Alternate tunings and temperaments:
Turbo Tuner - Fully programmable
Polytune - Not programmable?
Boss TU-2 - Not programmable
Pitchblack - No functionality

Footprint:
Turbo Tuner - 4.40" x 2.40" x 1.40" 
Pitchblack - 4.72" x 2.67" x 1.85" 
Polytune - 4.8" x 2.83" x 1.77
Boss TU-2 - 5.18" x 2.78" x 2.38" 

Price:
Pitchblack - $89.95
Polytune - $94.91
Boss TU-2 - $99.00
Turbo Tuner - $129.99

True Bypass:
Turbo Tuner - Yes
Pitchblack - Yes
Polytune - Yes
Boss TU-2 - No


----------



## Guitar101 (Jan 19, 2011)

Snark SN1 Tuner

If price is important. I have 2 of these that I bought from this seller for around $15 all in. I use one on my acoustic and one on my Epi Les Paul and they work great. I also have a Boss TU-12H but I don't use it much.


----------



## flashPUNK (Feb 16, 2006)

Turbo Tuner.


----------



## Morkolo (Dec 9, 2010)

Guitar101 said:


> Snark SN1 Tuner
> 
> If price is important. I have 2 of these that I bought from this seller for around $15 all in. I use one on my acoustic and one on my Epi Les Paul and they work great. I also have a Boss TU-12H but I don't use it much.


That's cheap, I almost paid $30 for mine.


----------



## Chito (Feb 17, 2006)

I'd like to add, I also have the Snark and I got mine for $15. It's great to have around. Very handy and pretty accurate too.


----------



## david henman (Feb 3, 2006)

...polytune here, but i never go anywhere without my intellitouch!


----------



## Big_Daddy (Apr 2, 2009)

I just got a brand new TU-3 for $90 and it works much better than the tuner on my Nova System.
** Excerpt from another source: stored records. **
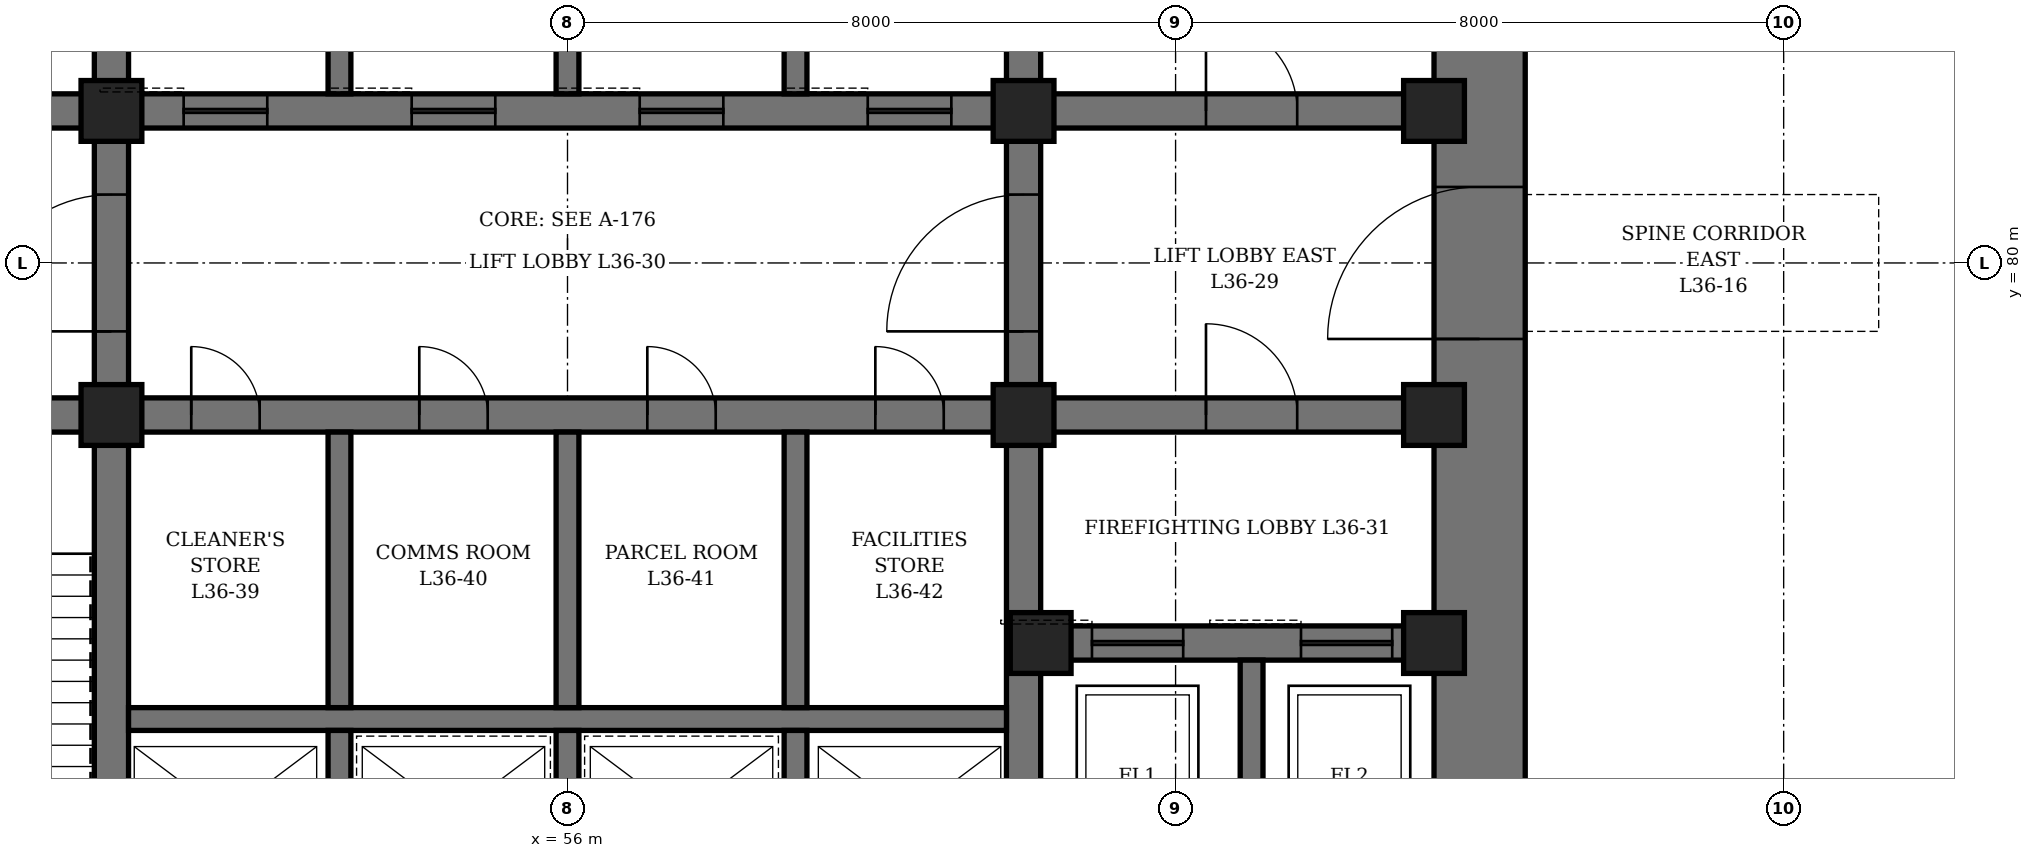
"""IFC4 building model, lengths in metres.
Left out: names, types, materials, properties, quantities, classifications, styles, units other than length and angle.
Written with IfcOpenShell. Run it as: python <this file> out.ifc"""

import sys

from ifc_helpers import new_model, si_unit, direction, frame, frame_2d, origin, origin_2d, place, context, subcontext, project, spatial, rectangle, hollow_rectangle, extrude, element, fill, save


model = new_model("IFC4")
c1 = context("Model", 3, precision=1e-05, world=origin(), true_north=direction((0.0, 1.0)))
c2 = subcontext(c1, "Body", "Model", "MODEL_VIEW")
j1 = project(units=[si_unit("LENGTHUNIT", "METRE"), si_unit("PLANEANGLEUNIT", "RADIAN")], contexts=[c1])
p1 = place(None, origin())
s1 = spatial("IfcSite", under=j1, at=p1, CompositionType="ELEMENT")
p2 = place(p1, origin())
s2 = spatial("IfcBuilding", under=s1, at=p2, CompositionType="ELEMENT")
p3 = place(p2, frame((0.0, 0.0, 162.7)))
s3 = spatial("IfcBuildingStorey", under=s2, at=p3, CompositionType="ELEMENT", Elevation=162.7)
p4 = place(p3, frame((68.0, 70.4, 0.0), z_axis=(0.0, 0.0, 1.0), x_axis=(0.0, 1.0, 0.0)))
e1 = element("IfcWall", 1, at=p4, inside=s3, PredefinedType="SHEAR", context=c2, shape_type="SweptSolid", body=[
    extrude(rectangle(XDim=19.2, YDim=1.2, at=frame_2d((9.6, 0.0))), origin(), (0.0, 0.0, 1.0), 4.2),
])
p5 = place(p4, frame((8.6, 0.0, 0.0)))
e2 = element("IfcOpeningElement", 2, at=p5, cuts=e1, PredefinedType="OPENING", context=c2, shape_type="SweptSolid", body=[
    extrude(rectangle(XDim=2.0, YDim=2.4, at=frame_2d((1.0, 1.2))), frame((0.0, 0.61, 0.0), z_axis=(0.0, -1.0, 0.0), x_axis=(1.0, 0.0, 0.0)), (0.0, 0.0, 1.0), 1.22),
])
p6 = place(p3, frame((50.0, 71.6, 0.0), z_axis=(0.0, 0.0, 1.0), x_axis=(0.0, 1.0, 0.0)))
e3 = element("IfcWall", 3, at=p6, inside=s3, PredefinedType="SHEAR", context=c2, shape_type="SweptSolid", body=[
    extrude(rectangle(XDim=16.8, YDim=0.45, at=frame_2d((8.4, 0.0))), origin(), (0.0, 0.0, 1.0), 4.2),
])
p7 = place(p6, frame((7.5, 0.0, 0.0)))
e4 = element("IfcOpeningElement", 4, at=p7, cuts=e3, PredefinedType="OPENING", context=c2, shape_type="SweptSolid", body=[
    extrude(rectangle(XDim=1.8, YDim=2.4, at=frame_2d((0.9, 1.2))), frame((0.0, 0.235, 0.0), z_axis=(0.0, -1.0, 0.0), x_axis=(1.0, 0.0, 0.0)), (0.0, 0.0, 1.0), 0.47),
])
p8 = place(p3, frame((62.0, 71.6, 0.0), z_axis=(0.0, 0.0, 1.0), x_axis=(0.0, 1.0, 0.0)))
e5 = element("IfcWall", 5, at=p8, inside=s3, PredefinedType="SHEAR", context=c2, shape_type="SweptSolid", body=[
    extrude(rectangle(XDim=16.8, YDim=0.45, at=frame_2d((8.4, 0.0))), origin(), (0.0, 0.0, 1.0), 4.2),
])
p9 = place(p8, frame((7.5, 0.0, 0.0)))
e6 = element("IfcOpeningElement", 6, at=p9, cuts=e5, PredefinedType="OPENING", context=c2, shape_type="SweptSolid", body=[
    extrude(rectangle(XDim=1.8, YDim=2.4, at=frame_2d((0.9, 1.2))), frame((0.0, 0.235, 0.0), z_axis=(0.0, -1.0, 0.0), x_axis=(1.0, 0.0, 0.0)), (0.0, 0.0, 1.0), 0.47),
])
p10 = place(p3, frame((44.6, 78.0, 0.0), z_axis=(0.0, 0.0, 1.0), x_axis=(1.0, 0.0, 0.0)))
e7 = element("IfcWall", 7, at=p10, inside=s3, PredefinedType="SHEAR", context=c2, shape_type="SweptSolid", body=[
    extrude(rectangle(XDim=5.175, YDim=0.45, at=frame_2d((2.587, 0.0))), origin(), (0.0, 0.0, 1.0), 4.2),
])
p11 = place(p10, frame((1.8, 0.0, 0.0)))
e8 = element("IfcOpeningElement", 8, at=p11, cuts=e7, PredefinedType="OPENING", context=c2, shape_type="SweptSolid", body=[
    extrude(rectangle(XDim=1.2, YDim=2.1, at=frame_2d((0.6, 1.05))), frame((0.0, 0.235, 0.0), z_axis=(0.0, -1.0, 0.0), x_axis=(1.0, 0.0, 0.0)), (0.0, 0.0, 1.0), 0.47),
])
p12 = place(p3, frame((44.6, 82.0, 0.0), z_axis=(0.0, 0.0, 1.0), x_axis=(1.0, 0.0, 0.0)))
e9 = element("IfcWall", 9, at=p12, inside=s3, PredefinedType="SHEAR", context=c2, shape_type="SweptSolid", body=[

Love it.


----------



## hollowbody (Jan 15, 2008)

I've got the Turbo Tuner and really dig it, though I want to get one of the Mini Polytunes when they come out in the interest of saving pedalboard real estate.


----------



## Bird (Nov 6, 2006)

I have the Pitchblack + and I've had switch issues with mine. I plan on replacing it.


----------



## Stevo (Apr 3, 2008)

zurn said:


> I like my Turbo Tuner!


Yep! The last tuner you'll ever want or need!


----------